One way to get rid of the deadlock is to use receive operation instead of the non-blocking receive (try it on the Go Playground):

func f1() {
    <-ch1
    fmt.Println("ch1")
}
func f2() {
    <-ch2
    fmt.Println("ch2")
}

So no matter when main() gets to the point to send values on these channels, there will always be a receiver ready to proceed, so the main() won't get stuck.

Note that when main() returns, the app ends, it does not wait for non-main goroutines to finish. So you might not see ch1 and ch2 printed on your console.
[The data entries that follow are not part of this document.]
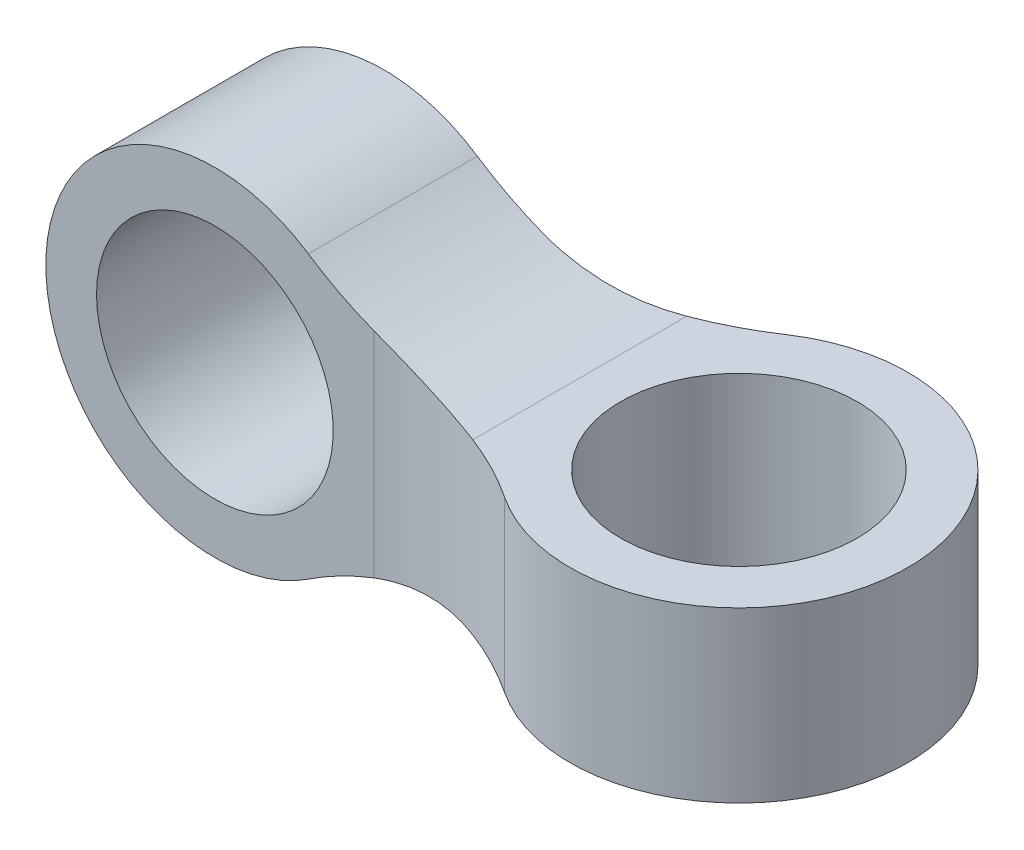
ISO-10303-21;
HEADER;
FILE_DESCRIPTION(('STEP AP214'),'2;1');
FILE_NAME('part.step','',(''),(''),'','','');
FILE_SCHEMA(('AUTOMOTIVE_DESIGN { 1 0 10303 214 1 1 1 1 }'));
ENDSEC;
DATA;
#1=APPLICATION_CONTEXT('core data for automotive mechanical design processes');
#2=APPLICATION_PROTOCOL_DEFINITION('international standard','automotive_design',2000,#1);
#3=PRODUCT_CONTEXT('',#1,'mechanical');
#4=PRODUCT('Part','Part','',(#3));
#5=PRODUCT_RELATED_PRODUCT_CATEGORY('part','',(#4));
#6=PRODUCT_DEFINITION_FORMATION('','',#4);
#7=PRODUCT_DEFINITION_CONTEXT('part definition',#1,'design');
#8=PRODUCT_DEFINITION('design','',#6,#7);
#9=PRODUCT_DEFINITION_SHAPE('','',#8);
#10=(LENGTH_UNIT() NAMED_UNIT(*) SI_UNIT(.MILLI.,.METRE.));
#11=(NAMED_UNIT(*) PLANE_ANGLE_UNIT() SI_UNIT($,.RADIAN.));
#12=(NAMED_UNIT(*) SI_UNIT($,.STERADIAN.) SOLID_ANGLE_UNIT());
#13=UNCERTAINTY_MEASURE_WITH_UNIT(LENGTH_MEASURE(1.E-05),#10,'distance_accuracy_value','');
#14=(GEOMETRIC_REPRESENTATION_CONTEXT(3) GLOBAL_UNCERTAINTY_ASSIGNED_CONTEXT((#13)) GLOBAL_UNIT_ASSIGNED_CONTEXT((#10,
#11,#12)) REPRESENTATION_CONTEXT('',''));
#15=CARTESIAN_POINT('',(0.,0.,0.));
#16=DIRECTION('',(0.,0.,1.));
#17=DIRECTION('',(1.,0.,0.));
#18=AXIS2_PLACEMENT_3D('',#15,#16,#17);
#19=CARTESIAN_POINT('',(-13.,0.,-25.));
#20=DIRECTION('',(0.,0.,1.));
#21=DIRECTION('',(1.,0.,0.));
#22=AXIS2_PLACEMENT_3D('',#19,#20,#21);
#23=CYLINDRICAL_SURFACE('',#22,10.);
#24=CARTESIAN_POINT('',(-13.,0.,5.));
#25=DIRECTION('',(0.,0.,-1.));
#26=DIRECTION('',(-1.,0.,0.));
#27=AXIS2_PLACEMENT_3D('',#24,#25,#26);
#28=CIRCLE('',#27,10.);
#29=CARTESIAN_POINT('',(-7.47229201607434,8.33333333333333,5.));
#30=VERTEX_POINT('',#29);
#31=CARTESIAN_POINT('',(-7.47229201607434,-8.33333333333333,5.));
#32=VERTEX_POINT('',#31);
#33=EDGE_CURVE('E345',#30,#32,#28,.F.);
#34=ORIENTED_EDGE('',*,*,#33,.F.);
#35=DIRECTION('',(0.,0.,1.));
#36=VECTOR('',#35,1.);
#37=CARTESIAN_POINT('',(-7.47229201607434,8.33333333333333,-25.));
#38=LINE('',#37,#36);
#39=CARTESIAN_POINT('',(-7.47229201607434,8.33333333333333,-5.));
#40=VERTEX_POINT('',#39);
#41=EDGE_CURVE('E310',#40,#30,#38,.T.);
#42=ORIENTED_EDGE('',*,*,#41,.F.);
#43=CARTESIAN_POINT('',(-13.,0.,-5.));
#44=DIRECTION('',(0.,0.,-1.));
#45=DIRECTION('',(-1.,0.,0.));
#46=AXIS2_PLACEMENT_3D('',#43,#44,#45);
#47=CIRCLE('',#46,10.);
#48=CARTESIAN_POINT('',(-7.47229201607434,-8.33333333333333,-5.));
#49=VERTEX_POINT('',#48);
#50=EDGE_CURVE('E233',#40,#49,#47,.F.);
#51=ORIENTED_EDGE('',*,*,#50,.T.);
#52=DIRECTION('',(0.,0.,1.));
#53=VECTOR('',#52,1.);
#54=CARTESIAN_POINT('',(-7.47229201607434,-8.33333333333333,-25.));
#55=LINE('',#54,#53);
#56=EDGE_CURVE('E301',#49,#32,#55,.T.);
#57=ORIENTED_EDGE('',*,*,#56,.T.);
#58=EDGE_LOOP('',(#34,#42,#51,#57));
#59=FACE_BOUND('',#58,.T.);
#60=ADVANCED_FACE('F165',(#59),#23,.T.);
#61=CARTESIAN_POINT('',(0.,5.,-25.));
#62=DIRECTION('',(0.,-1.,0.));
#63=DIRECTION('',(1.,0.,0.));
#64=AXIS2_PLACEMENT_3D('',#61,#62,#63);
#65=PLANE('',#64);
#66=CARTESIAN_POINT('',(13.,5.,0.));
#67=DIRECTION('',(0.,-1.,0.));
#68=DIRECTION('',(1.,0.,0.));
#69=AXIS2_PLACEMENT_3D('',#66,#67,#68);
#70=CIRCLE('',#69,7.);
#71=CARTESIAN_POINT('',(20.,5.,0.));
#72=VERTEX_POINT('',#71);
#73=EDGE_CURVE('E324',#72,#72,#70,.T.);
#74=ORIENTED_EDGE('',*,*,#73,.T.);
#75=EDGE_LOOP('',(#74));
#76=FACE_BOUND('',#75,.T.);
#77=CARTESIAN_POINT('',(-3.583123951777,5.,25.));
#78=DIRECTION('',(0.,-1.,0.));
#79=DIRECTION('',(1.,0.,0.));
#80=AXIS2_PLACEMENT_3D('',#77,#78,#79);
#81=CIRCLE('',#80,20.);
#82=CARTESIAN_POINT('',(7.47229201607434,5.,8.33333333333334));
#83=VERTEX_POINT('',#82);
#84=CARTESIAN_POINT('',(3.58312395177704,4.99999999999995,6.32796500151069));
#85=VERTEX_POINT('',#84);
#86=EDGE_CURVE('E177',#83,#85,#81,.F.);
#87=ORIENTED_EDGE('',*,*,#86,.F.);
#88=CARTESIAN_POINT('',(13.,5.,0.));
#89=DIRECTION('',(0.,-1.,0.));
#90=DIRECTION('',(1.,0.,0.));
#91=AXIS2_PLACEMENT_3D('',#88,#89,#90);
#92=CIRCLE('',#91,10.);
#93=CARTESIAN_POINT('',(7.47229201607433,5.,-8.33333333333333));
#94=VERTEX_POINT('',#93);
#95=EDGE_CURVE('E256',#94,#83,#92,.T.);
#96=ORIENTED_EDGE('',*,*,#95,.F.);
#97=CARTESIAN_POINT('',(-3.583123951777,5.,-25.));
#98=DIRECTION('',(0.,-1.,0.));
#99=DIRECTION('',(1.,0.,0.));
#100=AXIS2_PLACEMENT_3D('',#97,#98,#99);
#101=CIRCLE('',#100,20.);
#102=CARTESIAN_POINT('',(3.58312395177704,4.99999999999995,-6.32796500151069));
#103=VERTEX_POINT('',#102);
#104=EDGE_CURVE('E254',#94,#103,#101,.T.);
#105=ORIENTED_EDGE('',*,*,#104,.T.);
#106=DIRECTION('',(0.,0.,1.));
#107=VECTOR('',#106,1.);
#108=CARTESIAN_POINT('',(3.58312395177699,5.,-25.));
#109=LINE('',#108,#107);
#110=EDGE_CURVE('E255',#103,#85,#109,.T.);
#111=ORIENTED_EDGE('',*,*,#110,.T.);
#112=EDGE_LOOP('',(#87,#96,#105,#111));
#113=FACE_BOUND('',#112,.T.);
#114=ADVANCED_FACE('F349',(#76,#113),#65,.F.);
#115=CARTESIAN_POINT('',(3.58312395177699,25.,-25.));
#116=DIRECTION('',(0.,0.,1.));
#117=DIRECTION('',(1.,0.,0.));
#118=AXIS2_PLACEMENT_3D('',#115,#116,#117);
#119=CYLINDRICAL_SURFACE('',#118,20.);
#120=CARTESIAN_POINT('',(7.47229201607434,5.38178469463521,8.33333333333333));
#121=CARTESIAN_POINT('',(7.29699032317259,5.34703236946405,8.21705135141738));
#122=CARTESIAN_POINT('',(7.11958800828395,5.31430622195632,8.10335941718668));
#123=CARTESIAN_POINT('',(6.76071891900881,5.2532019543182,7.88131271793948));
#124=CARTESIAN_POINT('',(6.57925177284516,5.22482423377966,7.7729584440389));
#125=CARTESIAN_POINT('',(6.02882561809351,5.14664056772693,7.45606457285716));
#126=CARTESIAN_POINT('',(5.6540157645712,5.1038191206325,7.25580939391501));
#127=CARTESIAN_POINT('',(4.88995933117876,5.03904902020734,6.8784966546735));
#128=CARTESIAN_POINT('',(4.50067842728979,5.01715378266823,6.70149944909328));
#129=CARTESIAN_POINT('',(3.71110175343317,4.99651277313733,6.37267960841244));
#130=CARTESIAN_POINT('',(3.31080898852315,4.99776074689242,6.22085018312637));
#131=CARTESIAN_POINT('',(2.50015157937633,5.02520585072317,5.94276436337308));
#132=CARTESIAN_POINT('',(2.08974859443147,5.05151960391396,5.81663085531488));
#133=CARTESIAN_POINT('',(1.26396259082839,5.13058788823112,5.59152465950283));
#134=CARTESIAN_POINT('',(0.848578641653094,5.18334743736802,5.49255713193));
#135=CARTESIAN_POINT('',(0.0177355960030123,5.31588247949777,5.3222677787619));
#136=CARTESIAN_POINT('',(-0.397719870811708,5.39558008538139,5.25086750767909));
#137=CARTESIAN_POINT('',(-1.22607394668929,5.58218052923217,5.13497842084868));
#138=CARTESIAN_POINT('',(-1.63897376743929,5.68906927003721,5.09047570038574));
#139=CARTESIAN_POINT('',(-2.30757201952622,5.88528115160457,5.03902874204332));
#140=CARTESIAN_POINT('',(-2.56509330773308,5.96654705369896,5.02428612595834));
#141=CARTESIAN_POINT('',(-3.07676594844552,6.13949048658364,5.00477143854931));
#142=CARTESIAN_POINT('',(-3.33091988173299,6.23115945884189,4.99999123302929));
#143=CARTESIAN_POINT('',(-3.583123951777,6.32796500151074,5.));
#144=B_SPLINE_CURVE_WITH_KNOTS('',3,(#120,#121,#122,#123,#124,#125,#126,#127,#128,#129,#130,
#131,#132,#133,#134,#135,#136,#137,#138,#139,#140,#141,#142,#143),.UNSPECIFIED.,.F.,.F.,(4,2,2,
2,2,2,2,2,2,2,2,4),(0.,0.639568646578073,1.27919603010921,2.55908404816412,3.84223042353997,
5.12503004473554,6.41382742723958,7.70286944781018,8.98821584478183,10.2728972110752,
11.083848336485,11.8941370696184),.UNSPECIFIED.);
#145=CARTESIAN_POINT('',(-3.583123951777,6.32796500151074,5.));
#146=VERTEX_POINT('',#145);
#147=EDGE_CURVE('E296',#85,#146,#144,.T.);
#148=ORIENTED_EDGE('',*,*,#147,.F.);
#149=ORIENTED_EDGE('',*,*,#110,.F.);
#150=CARTESIAN_POINT('',(7.47229201607433,5.3817846946352,-8.33333333333334));
#151=CARTESIAN_POINT('',(7.29699032317258,5.34703236946404,-8.21705135141739));
#152=CARTESIAN_POINT('',(7.11958800828394,5.31430622195631,-8.10335941718669));
#153=CARTESIAN_POINT('',(6.7607189190088,5.2532019543182,-7.88131271793948));
#154=CARTESIAN_POINT('',(6.57925177284515,5.22482423377965,-7.7729584440389));
#155=CARTESIAN_POINT('',(6.0288256180935,5.14664056772693,-7.45606457285716));
#156=CARTESIAN_POINT('',(5.6540157645712,5.1038191206325,-7.25580939391501));
#157=CARTESIAN_POINT('',(4.88995933117876,5.03904902020734,-6.8784966546735));
#158=CARTESIAN_POINT('',(4.50067842728979,5.01715378266822,-6.70149944909328));
#159=CARTESIAN_POINT('',(3.71110175343317,4.99651277313733,-6.37267960841245));
#160=CARTESIAN_POINT('',(3.31080898852315,4.99776074689242,-6.22085018312637));
#161=CARTESIAN_POINT('',(2.50015157937632,5.02520585072317,-5.94276436337308));
#162=CARTESIAN_POINT('',(2.08974859443147,5.05151960391397,-5.81663085531489));
#163=CARTESIAN_POINT('',(1.26396259082839,5.13058788823112,-5.59152465950283));
#164=CARTESIAN_POINT('',(0.848578641653089,5.18334743736802,-5.49255713193001));
#165=CARTESIAN_POINT('',(0.0177355960030073,5.31588247949777,-5.3222677787619));
#166=CARTESIAN_POINT('',(-0.397719870811712,5.39558008538139,-5.25086750767909));
#167=CARTESIAN_POINT('',(-1.22607394668929,5.58218052923217,-5.13497842084869));
#168=CARTESIAN_POINT('',(-1.63897376743929,5.68906927003722,-5.09047570038574));
#169=CARTESIAN_POINT('',(-2.30757201952623,5.88528115160457,-5.03902874204333));
#170=CARTESIAN_POINT('',(-2.56509330773309,5.96654705369896,-5.02428612595834));
#171=CARTESIAN_POINT('',(-3.07676594844552,6.13949048658364,-5.00477143854931));
#172=CARTESIAN_POINT('',(-3.330919881733,6.23115945884189,-4.9999912330293));
#173=CARTESIAN_POINT('',(-3.583123951777,6.32796500151074,-5.));
#174=B_SPLINE_CURVE_WITH_KNOTS('',3,(#150,#151,#152,#153,#154,#155,#156,#157,#158,#159,#160,
#161,#162,#163,#164,#165,#166,#167,#168,#169,#170,#171,#172,#173),.UNSPECIFIED.,.F.,.F.,(4,2,2,
2,2,2,2,2,2,2,2,4),(0.,0.639568646578075,1.27919603010921,2.55908404816412,3.84223042353997,
5.12503004473554,6.41382742723958,7.70286944781018,8.98821584478183,10.2728972110752,
11.083848336485,11.8941370696184),.UNSPECIFIED.);
#175=CARTESIAN_POINT('',(-3.583123951777,6.32796500151074,-5.));
#176=VERTEX_POINT('',#175);
#177=EDGE_CURVE('E244',#103,#176,#174,.T.);
#178=ORIENTED_EDGE('',*,*,#177,.T.);
#179=CARTESIAN_POINT('',(3.58312395177699,25.,-5.));
#180=DIRECTION('',(0.,0.,-1.));
#181=DIRECTION('',(-1.,0.,0.));
#182=AXIS2_PLACEMENT_3D('',#179,#180,#181);
#183=CIRCLE('',#182,20.);
#184=EDGE_CURVE('E230',#40,#176,#183,.F.);
#185=ORIENTED_EDGE('',*,*,#184,.F.);
#186=ORIENTED_EDGE('',*,*,#41,.T.);
#187=CARTESIAN_POINT('',(3.58312395177699,25.,5.));
#188=DIRECTION('',(0.,0.,-1.));
#189=DIRECTION('',(-1.,0.,0.));
#190=AXIS2_PLACEMENT_3D('',#187,#188,#189);
#191=CIRCLE('',#190,20.);
#192=EDGE_CURVE('E326',#30,#146,#191,.F.);
#193=ORIENTED_EDGE('',*,*,#192,.T.);
#194=EDGE_LOOP('',(#148,#149,#178,#185,#186,#193));
#195=FACE_BOUND('',#194,.T.);
#196=ADVANCED_FACE('F252',(#195),#119,.F.);
#197=CARTESIAN_POINT('',(3.583123951777,-25.,-25.));
#198=DIRECTION('',(0.,0.,1.));
#199=DIRECTION('',(1.,0.,0.));
#200=AXIS2_PLACEMENT_3D('',#197,#198,#199);
#201=CYLINDRICAL_SURFACE('',#200,20.);
#202=DIRECTION('',(0.,0.,1.));
#203=VECTOR('',#202,1.);
#204=CARTESIAN_POINT('',(3.583123951777,-5.,-25.));
#205=LINE('',#204,#203);
#206=CARTESIAN_POINT('',(3.583123951777,-5.,-6.32796500151074));
#207=VERTEX_POINT('',#206);
#208=CARTESIAN_POINT('',(3.583123951777,-5.,6.32796500151073));
#209=VERTEX_POINT('',#208);
#210=EDGE_CURVE('E308',#207,#209,#205,.T.);
#211=ORIENTED_EDGE('',*,*,#210,.T.);
#212=CARTESIAN_POINT('',(7.47229201607434,-5.3817846946352,8.33333333333333));
#213=CARTESIAN_POINT('',(7.29699032317258,-5.34703236946403,8.21705135141738));
#214=CARTESIAN_POINT('',(7.11958800828395,-5.31430622195631,8.10335941718668));
#215=CARTESIAN_POINT('',(6.7607189190088,-5.25320195431819,7.88131271793948));
#216=CARTESIAN_POINT('',(6.57925177284515,-5.22482423377964,7.7729584440389));
#217=CARTESIAN_POINT('',(6.02882561809351,-5.14664056772692,7.45606457285716));
#218=CARTESIAN_POINT('',(5.6540157645712,-5.10381912063249,7.25580939391501));
#219=CARTESIAN_POINT('',(4.88995933117876,-5.03904902020733,6.87849665467349));
#220=CARTESIAN_POINT('',(4.50067842728979,-5.01715378266822,6.70149944909328));
#221=CARTESIAN_POINT('',(3.71110175343317,-4.99651277313733,6.37267960841245));
#222=CARTESIAN_POINT('',(3.31080898852315,-4.99776074689242,6.22085018312637));
#223=CARTESIAN_POINT('',(2.50015157937633,-5.02520585072316,5.94276436337308));
#224=CARTESIAN_POINT('',(2.08974859443147,-5.05151960391396,5.81663085531488));
#225=CARTESIAN_POINT('',(1.26396259082839,-5.13058788823111,5.59152465950283));
#226=CARTESIAN_POINT('',(0.848578641653091,-5.18334743736801,5.49255713193));
#227=CARTESIAN_POINT('',(0.0177355960030095,-5.31588247949776,5.3222677787619));
#228=CARTESIAN_POINT('',(-0.39771987081171,-5.39558008538138,5.25086750767909));
#229=CARTESIAN_POINT('',(-1.22607394668929,-5.58218052923217,5.13497842084868));
#230=CARTESIAN_POINT('',(-1.63897376743929,-5.68906927003721,5.09047570038574));
#231=CARTESIAN_POINT('',(-2.30757201952623,-5.88528115160457,5.03902874204332));
#232=CARTESIAN_POINT('',(-2.56509330773309,-5.96654705369895,5.02428612595834));
#233=CARTESIAN_POINT('',(-3.07676594844552,-6.13949048658363,5.00477143854931));
#234=CARTESIAN_POINT('',(-3.33091988173299,-6.23115945884189,4.99999123302929));
#235=CARTESIAN_POINT('',(-3.583123951777,-6.32796500151074,5.));
#236=B_SPLINE_CURVE_WITH_KNOTS('',3,(#212,#213,#214,#215,#216,#217,#218,#219,#220,#221,#222,
#223,#224,#225,#226,#227,#228,#229,#230,#231,#232,#233,#234,#235),.UNSPECIFIED.,.F.,.F.,(4,2,2,
2,2,2,2,2,2,2,2,4),(0.,0.639568646578074,1.27919603010921,2.55908404816412,3.84223042353997,
5.12503004473554,6.41382742723958,7.70286944781018,8.98821584478183,10.2728972110752,
11.083848336485,11.8941370696184),.UNSPECIFIED.);
#237=CARTESIAN_POINT('',(-3.583123951777,-6.32796500151073,5.));
#238=VERTEX_POINT('',#237);
#239=EDGE_CURVE('E181',#209,#238,#236,.T.);
#240=ORIENTED_EDGE('',*,*,#239,.T.);
#241=CARTESIAN_POINT('',(3.583123951777,-25.,5.));
#242=DIRECTION('',(0.,0.,-1.));
#243=DIRECTION('',(-1.,0.,0.));
#244=AXIS2_PLACEMENT_3D('',#241,#242,#243);
#245=CIRCLE('',#244,20.);
#246=EDGE_CURVE('E321',#32,#238,#245,.T.);
#247=ORIENTED_EDGE('',*,*,#246,.F.);
#248=ORIENTED_EDGE('',*,*,#56,.F.);
#249=CARTESIAN_POINT('',(3.583123951777,-25.,-5.));
#250=DIRECTION('',(0.,0.,-1.));
#251=DIRECTION('',(-1.,0.,0.));
#252=AXIS2_PLACEMENT_3D('',#249,#250,#251);
#253=CIRCLE('',#252,20.);
#254=CARTESIAN_POINT('',(-3.583123951777,-6.32796500151074,-5.));
#255=VERTEX_POINT('',#254);
#256=EDGE_CURVE('E318',#49,#255,#253,.T.);
#257=ORIENTED_EDGE('',*,*,#256,.T.);
#258=CARTESIAN_POINT('',(7.47229201607433,-5.3817846946352,-8.33333333333334));
#259=CARTESIAN_POINT('',(7.29699032317258,-5.34703236946403,-8.21705135141739));
#260=CARTESIAN_POINT('',(7.11958800828394,-5.3143062219563,-8.10335941718669));
#261=CARTESIAN_POINT('',(6.7607189190088,-5.25320195431819,-7.88131271793948));
#262=CARTESIAN_POINT('',(6.57925177284515,-5.22482423377964,-7.7729584440389));
#263=CARTESIAN_POINT('',(6.0288256180935,-5.14664056772692,-7.45606457285716));
#264=CARTESIAN_POINT('',(5.6540157645712,-5.10381912063249,-7.25580939391501));
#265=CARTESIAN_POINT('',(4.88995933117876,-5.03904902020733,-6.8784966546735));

For details, see No output from goroutine in Go.

If your intent is to wait for all goroutines to finish their work before your app exists, use sync.WaitGroup for that (try it on the Go Playground):

var ch1 = make(chan int)
var ch2 = make(chan int)

var wg sync.WaitGroup

func f1() {
    defer wg.Done()
    <-ch1
    fmt.Println("ch1")
}

func f2() {
    defer wg.Done()
    <-ch2
    fmt.Println("ch2")
}

func main() {
    wg.Add(1)
    go f1()
    wg.Add(1)
    go f2()

    ch1 <- 1
    ch2 <- 2
    wg.Wait()
}

See more examples here: Solving goroutines deadlock; and Prevent the main() function from terminating before goroutines finish in Golang.

Another option is to give a buffer of 1 to the channels, so the main() can send 1 value on them without a receiver ready to receive from the channels (try this one on the Go Playground):

var ch1 = make(chan int, 1)
var ch2 = make(chan int, 1)

With this the main() can proceed without f1() and f2(), so again, there is no guarantee you will see anything printed.

Answer 2

Channels used here are unbuffered channels.

• when main goroutines starts it creates two new goroutine f1 and f2.
• when f1 or f2 is executed it will check whether we have value in the channel else it will print the default message and exit.
• In ideal situation,channels will be published with value first and then it's is received via the goroutine
• Actual situation is that goroutines are exiting by printing the default case but main goroutine is trying to publish value in a channel but since no receiver is there it faces a deadlock situation.

Removed deadlock from first example, Refer the link:https://play.golang.org/p/6RuQQwC9JkA

However,if main routine exits all the associated goroutines will be killed automatically. That's why we can see that value is printed arbitrarily.

Removed deadlock from Second example, Refer the link:https://play.golang.org/p/yUmc_jjZMgV

sync.WaitGroup is making main goroutine wait that's why we can observe the output everytime our program executes.